For many children born with a serious heart defect, surgery is only the beginning of their journey. Even after successful treatment, many go on to develop hypertension and other cardiovascular complications later in life.
An Old Dominion University researcher believes there may be a critical opportunity to change that outcome.
Based on data from the Centers for Disease Control and Prevention (CDC), congenital heart defects affect nearly 40,000 babies in the United States each year, and more than 2,000 are born with coarctation of the aorta (CoA). It is one of the most critical, but common forms of congenital heart disease. Children with CoA have an average life expectancy of around 60 years.
These patients often undergo surgery early in life and are considered successfully treated in most cases. However, although surgical advancements have improved average life expectancy, survival remains reduced, because many patients develop late complications, most commonly hypertension, which is often called the “silent killer” as it can progress for years without noticeable symptoms, while gradually damaging the heart, blood vessels, brain and kidneys.
Arash Ghorbannia, Ph.D., an Old Dominion University research assistant professor, who specializes in medical modeling and simulation, is working to change that trajectory.
A “Golden Window” for Treatment
Just four years after finishing his Ph.D. in 2022, Dr. Ghorbannia earned a 2026 American Heart Association (AHA) Career Development Award. The award is a three-year, $231,000 grant supporting his research in hypertension prevention, with a period of performance from April 1, 2026, through March 31, 2029.
Over the past six years of working in higher education, Dr. Ghorbannia has collected valuable data by tracking clinical evidence of hypertension progression in children with congenital heart defects, particularly CoA, where the aorta is narrower than normal and makes it harder for blood to flow from the heart to the rest of the body.
“In early childhood, there’s a golden window of aortic plasticity when the aorta is still growing and adapting that remains underutilized in treatment,” Dr. Ghorbannia said. “Usually, kids who are diagnosed early with congenital heart disease have surgery and then are often considered cured until they develop hypertension later in life. If hypertension has not yet reached a clinically diagnosable stage, researchers and clinicians may have a critical opportunity to intervene early and reduce the risk of serious long-term complications.”
Hypertension is a major risk factor for coronary artery disease, heart failure, ventricular hypertrophy, stroke and aneurysm. It is a major reason cardiovascular disease remains the leading cause of death worldwide.
Preventing Hypertension Before It Starts
The first phase of Dr. Ghorbannia’s project for AHA will use wearable devices, such as smartwatches, to identify the types of activities and lifestyles that can help these young patients prevent hypertension.
“With the assistance of AI, we can collect data from wearable devices and build digital twin models, so we can model or track progression over time and learn, for example, what type of activities they are doing that are beneficial and which ones are not,” Dr. Ghorbannia said.
These devices will help Dr. Ghorbannia track how a person's blood flow changes throughout the day and identify early signs that could lead to high blood pressure. He will use this information to build a personalized system, called iTwin, which creates a virtual model of a person's heart and blood vessels to help predict and improve their heart health.
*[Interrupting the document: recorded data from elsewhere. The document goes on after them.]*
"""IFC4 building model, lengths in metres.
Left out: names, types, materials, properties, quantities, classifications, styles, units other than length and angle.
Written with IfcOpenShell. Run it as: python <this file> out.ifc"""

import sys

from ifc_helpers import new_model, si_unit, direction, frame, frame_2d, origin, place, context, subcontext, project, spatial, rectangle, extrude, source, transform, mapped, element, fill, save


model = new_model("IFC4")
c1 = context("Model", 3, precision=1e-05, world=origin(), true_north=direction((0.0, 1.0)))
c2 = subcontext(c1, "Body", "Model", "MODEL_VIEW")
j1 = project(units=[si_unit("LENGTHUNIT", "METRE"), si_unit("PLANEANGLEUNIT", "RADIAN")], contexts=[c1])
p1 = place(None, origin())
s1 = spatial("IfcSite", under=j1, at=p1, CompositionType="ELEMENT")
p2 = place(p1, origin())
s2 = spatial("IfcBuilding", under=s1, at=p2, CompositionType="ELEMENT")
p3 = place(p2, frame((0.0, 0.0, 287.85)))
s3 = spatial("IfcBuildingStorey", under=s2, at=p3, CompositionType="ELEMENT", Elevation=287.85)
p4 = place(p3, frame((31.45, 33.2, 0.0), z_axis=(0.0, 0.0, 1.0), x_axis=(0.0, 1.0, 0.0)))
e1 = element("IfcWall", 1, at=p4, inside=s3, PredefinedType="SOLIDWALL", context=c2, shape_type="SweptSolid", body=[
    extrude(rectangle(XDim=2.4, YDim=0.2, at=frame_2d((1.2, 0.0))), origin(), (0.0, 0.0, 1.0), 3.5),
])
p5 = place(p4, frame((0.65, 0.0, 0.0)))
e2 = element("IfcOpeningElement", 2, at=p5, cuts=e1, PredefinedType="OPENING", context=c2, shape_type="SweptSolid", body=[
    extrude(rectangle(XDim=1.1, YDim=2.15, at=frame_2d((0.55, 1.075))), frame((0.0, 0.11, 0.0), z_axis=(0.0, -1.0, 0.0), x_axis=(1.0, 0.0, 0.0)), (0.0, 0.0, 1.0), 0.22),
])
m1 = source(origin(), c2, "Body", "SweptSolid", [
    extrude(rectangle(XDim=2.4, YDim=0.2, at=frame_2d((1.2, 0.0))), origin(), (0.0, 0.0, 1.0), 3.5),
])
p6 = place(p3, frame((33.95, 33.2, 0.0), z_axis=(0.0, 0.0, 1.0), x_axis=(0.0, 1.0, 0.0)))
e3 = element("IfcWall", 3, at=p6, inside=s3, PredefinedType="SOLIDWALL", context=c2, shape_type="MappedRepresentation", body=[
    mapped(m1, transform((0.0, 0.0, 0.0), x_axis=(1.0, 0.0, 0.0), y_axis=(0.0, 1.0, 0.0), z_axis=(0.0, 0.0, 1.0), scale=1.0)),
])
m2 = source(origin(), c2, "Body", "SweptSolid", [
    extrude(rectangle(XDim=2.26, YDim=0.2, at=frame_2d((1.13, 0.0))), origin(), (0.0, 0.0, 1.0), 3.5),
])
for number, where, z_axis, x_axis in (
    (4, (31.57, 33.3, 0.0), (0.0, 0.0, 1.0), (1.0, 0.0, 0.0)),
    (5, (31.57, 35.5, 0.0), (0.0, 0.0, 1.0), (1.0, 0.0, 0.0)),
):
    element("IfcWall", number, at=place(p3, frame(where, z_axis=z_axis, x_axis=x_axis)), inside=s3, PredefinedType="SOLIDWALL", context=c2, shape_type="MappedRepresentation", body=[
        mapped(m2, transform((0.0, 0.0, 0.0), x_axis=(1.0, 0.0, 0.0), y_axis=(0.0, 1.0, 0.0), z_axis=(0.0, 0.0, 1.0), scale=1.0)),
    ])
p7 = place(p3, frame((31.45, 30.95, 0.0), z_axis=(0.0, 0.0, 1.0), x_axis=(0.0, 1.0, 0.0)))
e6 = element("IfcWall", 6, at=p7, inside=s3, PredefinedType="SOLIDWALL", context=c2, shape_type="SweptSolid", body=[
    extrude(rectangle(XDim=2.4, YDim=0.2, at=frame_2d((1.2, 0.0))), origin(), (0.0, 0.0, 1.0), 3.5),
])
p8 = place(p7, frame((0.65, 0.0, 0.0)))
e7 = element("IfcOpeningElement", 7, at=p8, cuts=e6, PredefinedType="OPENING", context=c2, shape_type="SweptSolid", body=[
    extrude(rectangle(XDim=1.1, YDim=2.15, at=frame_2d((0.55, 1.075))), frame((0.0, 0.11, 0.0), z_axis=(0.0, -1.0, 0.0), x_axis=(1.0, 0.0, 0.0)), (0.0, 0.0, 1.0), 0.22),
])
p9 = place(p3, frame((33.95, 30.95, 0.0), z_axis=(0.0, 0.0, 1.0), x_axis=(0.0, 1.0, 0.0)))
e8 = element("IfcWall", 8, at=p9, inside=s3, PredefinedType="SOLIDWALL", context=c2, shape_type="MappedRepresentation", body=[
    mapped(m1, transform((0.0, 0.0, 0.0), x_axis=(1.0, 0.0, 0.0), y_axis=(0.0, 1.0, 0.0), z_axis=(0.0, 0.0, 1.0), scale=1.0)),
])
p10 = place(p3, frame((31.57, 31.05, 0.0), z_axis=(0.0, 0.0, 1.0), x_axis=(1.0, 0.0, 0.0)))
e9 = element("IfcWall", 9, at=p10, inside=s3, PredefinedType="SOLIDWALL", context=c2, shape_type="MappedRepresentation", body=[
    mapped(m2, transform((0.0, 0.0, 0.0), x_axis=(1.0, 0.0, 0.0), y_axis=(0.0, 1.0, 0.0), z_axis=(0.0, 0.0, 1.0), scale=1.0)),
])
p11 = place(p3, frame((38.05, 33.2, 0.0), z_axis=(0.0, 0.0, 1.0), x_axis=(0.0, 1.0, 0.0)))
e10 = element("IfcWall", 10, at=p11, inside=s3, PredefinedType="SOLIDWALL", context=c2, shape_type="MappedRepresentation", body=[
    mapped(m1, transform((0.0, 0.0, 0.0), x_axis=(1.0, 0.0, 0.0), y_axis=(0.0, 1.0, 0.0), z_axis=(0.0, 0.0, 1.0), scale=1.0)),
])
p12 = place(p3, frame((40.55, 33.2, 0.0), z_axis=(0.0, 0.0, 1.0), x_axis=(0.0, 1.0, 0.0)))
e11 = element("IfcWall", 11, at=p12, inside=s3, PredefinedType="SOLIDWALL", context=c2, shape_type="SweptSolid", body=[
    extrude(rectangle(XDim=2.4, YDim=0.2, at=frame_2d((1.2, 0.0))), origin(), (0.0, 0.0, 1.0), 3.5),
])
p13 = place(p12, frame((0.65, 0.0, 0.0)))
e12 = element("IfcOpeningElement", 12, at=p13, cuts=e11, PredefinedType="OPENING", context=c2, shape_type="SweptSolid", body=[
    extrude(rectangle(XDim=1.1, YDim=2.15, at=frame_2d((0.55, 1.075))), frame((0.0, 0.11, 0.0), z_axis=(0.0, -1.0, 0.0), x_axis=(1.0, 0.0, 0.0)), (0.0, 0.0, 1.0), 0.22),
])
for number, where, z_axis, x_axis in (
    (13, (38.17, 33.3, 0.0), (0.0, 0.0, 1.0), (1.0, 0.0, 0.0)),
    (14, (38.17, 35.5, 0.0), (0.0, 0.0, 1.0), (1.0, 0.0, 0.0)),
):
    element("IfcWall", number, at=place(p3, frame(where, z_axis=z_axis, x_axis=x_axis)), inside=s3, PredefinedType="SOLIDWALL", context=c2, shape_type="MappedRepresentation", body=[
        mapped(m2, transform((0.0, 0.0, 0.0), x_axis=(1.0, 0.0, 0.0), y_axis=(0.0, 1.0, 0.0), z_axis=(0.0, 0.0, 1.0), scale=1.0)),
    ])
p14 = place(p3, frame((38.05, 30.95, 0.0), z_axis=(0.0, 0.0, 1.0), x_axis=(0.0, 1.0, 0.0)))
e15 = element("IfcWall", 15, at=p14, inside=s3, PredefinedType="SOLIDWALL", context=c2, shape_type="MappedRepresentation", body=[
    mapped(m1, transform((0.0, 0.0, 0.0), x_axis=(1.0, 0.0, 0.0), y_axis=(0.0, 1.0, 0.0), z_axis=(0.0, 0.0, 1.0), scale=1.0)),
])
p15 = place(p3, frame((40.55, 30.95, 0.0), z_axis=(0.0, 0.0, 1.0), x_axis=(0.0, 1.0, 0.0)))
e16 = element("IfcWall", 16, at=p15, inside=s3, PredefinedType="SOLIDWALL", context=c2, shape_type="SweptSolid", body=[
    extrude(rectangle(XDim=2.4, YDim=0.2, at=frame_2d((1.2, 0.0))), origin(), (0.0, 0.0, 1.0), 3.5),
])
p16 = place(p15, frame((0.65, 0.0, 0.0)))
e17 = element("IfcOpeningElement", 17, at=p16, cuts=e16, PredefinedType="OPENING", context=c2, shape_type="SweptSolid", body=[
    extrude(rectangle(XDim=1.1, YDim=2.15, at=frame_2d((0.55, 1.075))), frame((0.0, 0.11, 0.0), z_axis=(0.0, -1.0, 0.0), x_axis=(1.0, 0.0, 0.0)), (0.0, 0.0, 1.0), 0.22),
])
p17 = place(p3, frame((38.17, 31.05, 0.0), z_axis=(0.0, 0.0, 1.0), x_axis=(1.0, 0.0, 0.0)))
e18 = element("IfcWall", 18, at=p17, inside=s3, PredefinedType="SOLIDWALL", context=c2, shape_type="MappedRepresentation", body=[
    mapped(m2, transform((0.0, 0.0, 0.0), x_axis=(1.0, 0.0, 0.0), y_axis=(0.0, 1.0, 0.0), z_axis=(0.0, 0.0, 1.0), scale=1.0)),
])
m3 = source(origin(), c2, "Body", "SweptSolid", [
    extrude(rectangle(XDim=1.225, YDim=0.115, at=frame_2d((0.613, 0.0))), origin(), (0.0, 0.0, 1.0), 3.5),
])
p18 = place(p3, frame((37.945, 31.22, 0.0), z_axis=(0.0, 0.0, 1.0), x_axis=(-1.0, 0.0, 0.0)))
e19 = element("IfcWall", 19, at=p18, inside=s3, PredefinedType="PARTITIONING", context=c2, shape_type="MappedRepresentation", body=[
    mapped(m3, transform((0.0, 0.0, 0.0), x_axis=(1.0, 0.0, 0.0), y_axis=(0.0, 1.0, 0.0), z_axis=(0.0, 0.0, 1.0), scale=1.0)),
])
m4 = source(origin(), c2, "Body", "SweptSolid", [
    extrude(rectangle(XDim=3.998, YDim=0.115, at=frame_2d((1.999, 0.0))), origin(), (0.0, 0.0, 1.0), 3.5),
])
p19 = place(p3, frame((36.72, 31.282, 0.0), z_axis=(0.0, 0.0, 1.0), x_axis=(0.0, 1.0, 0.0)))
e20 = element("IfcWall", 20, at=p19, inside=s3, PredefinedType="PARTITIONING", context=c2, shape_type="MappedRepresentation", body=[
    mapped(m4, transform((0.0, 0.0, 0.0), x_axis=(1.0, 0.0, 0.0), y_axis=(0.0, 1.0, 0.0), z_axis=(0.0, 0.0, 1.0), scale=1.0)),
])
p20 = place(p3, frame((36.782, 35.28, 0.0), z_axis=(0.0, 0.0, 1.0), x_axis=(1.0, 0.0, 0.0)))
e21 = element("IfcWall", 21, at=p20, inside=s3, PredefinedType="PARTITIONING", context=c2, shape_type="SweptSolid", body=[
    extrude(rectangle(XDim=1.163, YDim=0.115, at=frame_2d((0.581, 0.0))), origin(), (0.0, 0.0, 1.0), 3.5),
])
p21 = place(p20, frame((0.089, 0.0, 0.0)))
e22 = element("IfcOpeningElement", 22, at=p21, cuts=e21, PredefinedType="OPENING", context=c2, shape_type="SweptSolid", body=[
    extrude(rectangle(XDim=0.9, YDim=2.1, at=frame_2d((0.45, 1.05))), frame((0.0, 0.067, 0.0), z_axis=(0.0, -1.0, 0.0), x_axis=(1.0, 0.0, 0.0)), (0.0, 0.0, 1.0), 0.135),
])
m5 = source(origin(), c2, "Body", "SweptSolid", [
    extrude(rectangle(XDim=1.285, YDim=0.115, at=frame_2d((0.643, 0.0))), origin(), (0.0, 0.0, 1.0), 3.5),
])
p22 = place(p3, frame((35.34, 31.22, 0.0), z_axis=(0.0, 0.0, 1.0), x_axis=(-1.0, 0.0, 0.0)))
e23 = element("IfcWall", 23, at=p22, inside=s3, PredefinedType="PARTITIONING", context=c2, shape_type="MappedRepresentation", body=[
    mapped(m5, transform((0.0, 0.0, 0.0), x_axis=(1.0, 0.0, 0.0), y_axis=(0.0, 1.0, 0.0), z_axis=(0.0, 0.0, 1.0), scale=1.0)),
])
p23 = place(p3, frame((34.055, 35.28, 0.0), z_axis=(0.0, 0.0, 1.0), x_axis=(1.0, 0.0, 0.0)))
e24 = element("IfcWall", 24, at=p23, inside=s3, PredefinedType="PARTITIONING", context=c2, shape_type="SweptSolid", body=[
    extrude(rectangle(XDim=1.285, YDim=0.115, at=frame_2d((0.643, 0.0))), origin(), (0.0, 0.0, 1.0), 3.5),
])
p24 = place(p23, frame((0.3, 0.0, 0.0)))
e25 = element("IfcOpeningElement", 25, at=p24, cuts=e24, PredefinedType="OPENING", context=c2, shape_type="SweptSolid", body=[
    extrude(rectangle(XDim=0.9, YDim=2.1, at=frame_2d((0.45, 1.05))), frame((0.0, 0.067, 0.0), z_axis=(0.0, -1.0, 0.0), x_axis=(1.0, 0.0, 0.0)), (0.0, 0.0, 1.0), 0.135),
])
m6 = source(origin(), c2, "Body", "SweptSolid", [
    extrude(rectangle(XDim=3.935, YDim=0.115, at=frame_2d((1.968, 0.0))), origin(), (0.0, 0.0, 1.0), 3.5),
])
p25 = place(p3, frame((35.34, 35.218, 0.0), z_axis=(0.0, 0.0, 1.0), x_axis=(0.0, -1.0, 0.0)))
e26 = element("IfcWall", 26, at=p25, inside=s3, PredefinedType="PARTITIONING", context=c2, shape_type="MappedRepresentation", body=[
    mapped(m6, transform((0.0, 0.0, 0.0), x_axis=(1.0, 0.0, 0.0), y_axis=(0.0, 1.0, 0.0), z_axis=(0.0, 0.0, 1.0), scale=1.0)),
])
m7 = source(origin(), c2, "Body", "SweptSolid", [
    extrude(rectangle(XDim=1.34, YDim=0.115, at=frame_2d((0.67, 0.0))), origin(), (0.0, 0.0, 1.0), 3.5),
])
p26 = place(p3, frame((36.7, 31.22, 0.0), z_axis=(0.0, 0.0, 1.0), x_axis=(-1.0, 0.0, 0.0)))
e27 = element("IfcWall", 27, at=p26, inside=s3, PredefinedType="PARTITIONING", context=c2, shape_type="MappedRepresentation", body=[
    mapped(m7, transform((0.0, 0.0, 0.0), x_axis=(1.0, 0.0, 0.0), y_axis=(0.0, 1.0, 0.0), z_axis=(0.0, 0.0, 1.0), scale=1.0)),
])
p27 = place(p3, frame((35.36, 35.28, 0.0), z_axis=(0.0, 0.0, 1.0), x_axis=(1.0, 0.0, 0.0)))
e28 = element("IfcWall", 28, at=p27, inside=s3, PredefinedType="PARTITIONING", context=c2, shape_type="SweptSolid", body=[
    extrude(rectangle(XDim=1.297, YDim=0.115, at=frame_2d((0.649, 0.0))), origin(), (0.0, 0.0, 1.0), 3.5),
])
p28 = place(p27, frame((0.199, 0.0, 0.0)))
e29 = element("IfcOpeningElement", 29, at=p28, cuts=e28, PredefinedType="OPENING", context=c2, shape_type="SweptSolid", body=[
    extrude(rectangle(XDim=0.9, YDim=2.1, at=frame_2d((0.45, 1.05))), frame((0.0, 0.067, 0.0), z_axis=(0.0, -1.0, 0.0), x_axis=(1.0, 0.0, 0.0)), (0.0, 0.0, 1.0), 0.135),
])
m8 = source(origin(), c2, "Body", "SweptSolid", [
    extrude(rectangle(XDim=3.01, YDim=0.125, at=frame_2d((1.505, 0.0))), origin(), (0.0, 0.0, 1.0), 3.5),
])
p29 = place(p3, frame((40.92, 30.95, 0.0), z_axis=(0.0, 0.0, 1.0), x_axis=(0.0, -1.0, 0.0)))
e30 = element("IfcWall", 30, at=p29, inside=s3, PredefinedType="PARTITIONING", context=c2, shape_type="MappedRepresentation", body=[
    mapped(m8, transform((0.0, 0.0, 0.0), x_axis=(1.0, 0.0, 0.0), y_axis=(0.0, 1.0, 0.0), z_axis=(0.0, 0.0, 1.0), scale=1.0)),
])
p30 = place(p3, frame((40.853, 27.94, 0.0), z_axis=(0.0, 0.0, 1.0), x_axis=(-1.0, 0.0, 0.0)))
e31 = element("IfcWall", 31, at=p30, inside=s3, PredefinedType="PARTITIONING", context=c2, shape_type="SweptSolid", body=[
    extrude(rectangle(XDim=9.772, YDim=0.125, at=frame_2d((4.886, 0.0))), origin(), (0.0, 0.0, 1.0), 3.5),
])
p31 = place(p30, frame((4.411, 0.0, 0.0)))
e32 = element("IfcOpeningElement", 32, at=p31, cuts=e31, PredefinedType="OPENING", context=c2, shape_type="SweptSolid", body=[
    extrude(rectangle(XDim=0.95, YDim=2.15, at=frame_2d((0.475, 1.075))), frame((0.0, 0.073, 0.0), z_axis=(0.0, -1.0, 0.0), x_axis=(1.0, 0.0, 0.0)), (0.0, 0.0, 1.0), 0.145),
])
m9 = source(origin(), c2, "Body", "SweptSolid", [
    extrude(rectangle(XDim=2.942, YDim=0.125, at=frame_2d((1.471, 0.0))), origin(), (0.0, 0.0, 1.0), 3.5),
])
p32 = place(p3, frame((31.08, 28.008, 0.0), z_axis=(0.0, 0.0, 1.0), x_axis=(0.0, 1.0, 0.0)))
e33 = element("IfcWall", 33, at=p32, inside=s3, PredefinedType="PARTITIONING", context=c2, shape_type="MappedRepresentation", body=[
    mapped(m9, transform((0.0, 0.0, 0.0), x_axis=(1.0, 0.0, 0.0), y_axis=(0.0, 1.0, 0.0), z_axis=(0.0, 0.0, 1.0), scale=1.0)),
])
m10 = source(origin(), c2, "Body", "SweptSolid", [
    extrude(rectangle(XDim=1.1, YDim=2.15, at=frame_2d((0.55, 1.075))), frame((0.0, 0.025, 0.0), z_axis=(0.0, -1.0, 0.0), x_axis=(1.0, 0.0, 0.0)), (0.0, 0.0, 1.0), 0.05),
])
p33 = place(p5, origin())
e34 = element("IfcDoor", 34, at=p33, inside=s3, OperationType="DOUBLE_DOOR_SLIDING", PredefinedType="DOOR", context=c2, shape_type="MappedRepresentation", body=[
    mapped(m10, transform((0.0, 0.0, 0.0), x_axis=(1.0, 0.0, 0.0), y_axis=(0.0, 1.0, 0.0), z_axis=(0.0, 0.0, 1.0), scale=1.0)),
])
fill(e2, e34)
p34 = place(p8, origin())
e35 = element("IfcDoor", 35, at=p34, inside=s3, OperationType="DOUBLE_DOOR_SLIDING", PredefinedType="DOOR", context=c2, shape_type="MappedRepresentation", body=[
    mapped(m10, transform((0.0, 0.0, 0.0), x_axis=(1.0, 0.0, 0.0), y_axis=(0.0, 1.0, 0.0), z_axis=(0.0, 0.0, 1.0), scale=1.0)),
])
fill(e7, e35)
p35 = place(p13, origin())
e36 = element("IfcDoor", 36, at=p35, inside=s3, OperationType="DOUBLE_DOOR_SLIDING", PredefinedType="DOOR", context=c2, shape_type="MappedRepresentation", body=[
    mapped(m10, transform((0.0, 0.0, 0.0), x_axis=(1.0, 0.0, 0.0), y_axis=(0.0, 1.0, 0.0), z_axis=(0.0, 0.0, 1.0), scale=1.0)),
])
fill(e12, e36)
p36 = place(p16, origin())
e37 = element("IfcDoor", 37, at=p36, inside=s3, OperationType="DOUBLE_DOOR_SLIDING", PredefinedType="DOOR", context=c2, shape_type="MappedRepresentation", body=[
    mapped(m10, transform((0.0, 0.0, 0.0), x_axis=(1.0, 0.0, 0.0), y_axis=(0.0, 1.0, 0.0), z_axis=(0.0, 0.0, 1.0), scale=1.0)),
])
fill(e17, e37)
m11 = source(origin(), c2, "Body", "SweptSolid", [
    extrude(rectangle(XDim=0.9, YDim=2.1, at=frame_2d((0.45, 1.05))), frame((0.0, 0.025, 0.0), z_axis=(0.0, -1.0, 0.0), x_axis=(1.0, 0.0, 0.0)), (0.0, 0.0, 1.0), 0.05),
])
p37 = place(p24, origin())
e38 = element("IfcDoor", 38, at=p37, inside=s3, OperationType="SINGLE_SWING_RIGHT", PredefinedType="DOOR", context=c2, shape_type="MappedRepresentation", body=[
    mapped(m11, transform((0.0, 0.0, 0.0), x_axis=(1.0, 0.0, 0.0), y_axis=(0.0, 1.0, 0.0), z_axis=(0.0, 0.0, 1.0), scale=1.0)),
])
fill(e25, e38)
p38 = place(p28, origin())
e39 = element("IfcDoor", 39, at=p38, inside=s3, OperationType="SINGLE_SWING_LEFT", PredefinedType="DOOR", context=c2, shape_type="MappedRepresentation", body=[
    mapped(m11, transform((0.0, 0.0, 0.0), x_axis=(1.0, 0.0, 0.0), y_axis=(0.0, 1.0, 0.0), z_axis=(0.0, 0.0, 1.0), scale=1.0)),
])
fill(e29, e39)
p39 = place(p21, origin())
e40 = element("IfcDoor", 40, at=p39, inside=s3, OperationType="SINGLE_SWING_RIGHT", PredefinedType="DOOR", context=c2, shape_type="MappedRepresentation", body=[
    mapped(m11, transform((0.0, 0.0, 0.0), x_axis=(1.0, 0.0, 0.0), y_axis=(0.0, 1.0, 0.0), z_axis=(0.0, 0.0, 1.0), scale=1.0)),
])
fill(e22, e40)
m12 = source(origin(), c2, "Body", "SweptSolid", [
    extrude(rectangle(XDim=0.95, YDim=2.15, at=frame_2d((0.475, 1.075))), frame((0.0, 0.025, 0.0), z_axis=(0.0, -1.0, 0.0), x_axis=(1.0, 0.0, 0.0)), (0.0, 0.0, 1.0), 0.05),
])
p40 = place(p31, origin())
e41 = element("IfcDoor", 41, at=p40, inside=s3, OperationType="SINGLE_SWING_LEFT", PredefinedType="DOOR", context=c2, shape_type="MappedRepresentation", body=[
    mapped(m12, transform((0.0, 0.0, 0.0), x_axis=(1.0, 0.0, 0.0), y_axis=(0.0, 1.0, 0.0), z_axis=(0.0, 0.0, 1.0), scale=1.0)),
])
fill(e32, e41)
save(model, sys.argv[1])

The goal is to give patients personalized, real-time strategies to help lower their health risks and ultimately prevent hypertension.
“Our aim is to improve these patients’ quality of life and long-term health, helping them to live healthier and longer lives,” Dr. Ghorbannia said.
Building a Long-Term Picture of Heart Health
The next phase of the project will focus on using the same monitoring approaches to better understand how patients’ heart health changes over time after early surgery.
“Eventually, we hope to expand this work through collaboration with the Children’s Hospital of The King’s Daughters and patients who have had the first CoA surgery,” Dr. Ghorbannia said. “By analyzing their activity patterns and collecting long-term health data, we can continue to train AI models to identify personalized adjustments that may improve their health outcomes and mitigate the risk of hypertension later in life.”
About The Researcher
Dr. Ghorbannia works at Old Dominion University with Health, Education and AI Learning (HEAL), which partners with the National Center for Collaboration in Medical Modeling and Simulation (NCCMMS). Both organizations operate under the umbrella of the University’s Office of Enterprise Research and Innovation (OERI).
Dr. Ghorbannia’s work is supported by the AHA through a grant for “Digital Twin Guided Prevention of Hypertension in Coarctation of the Aorta Survivors,” under grant 26CDA1588384.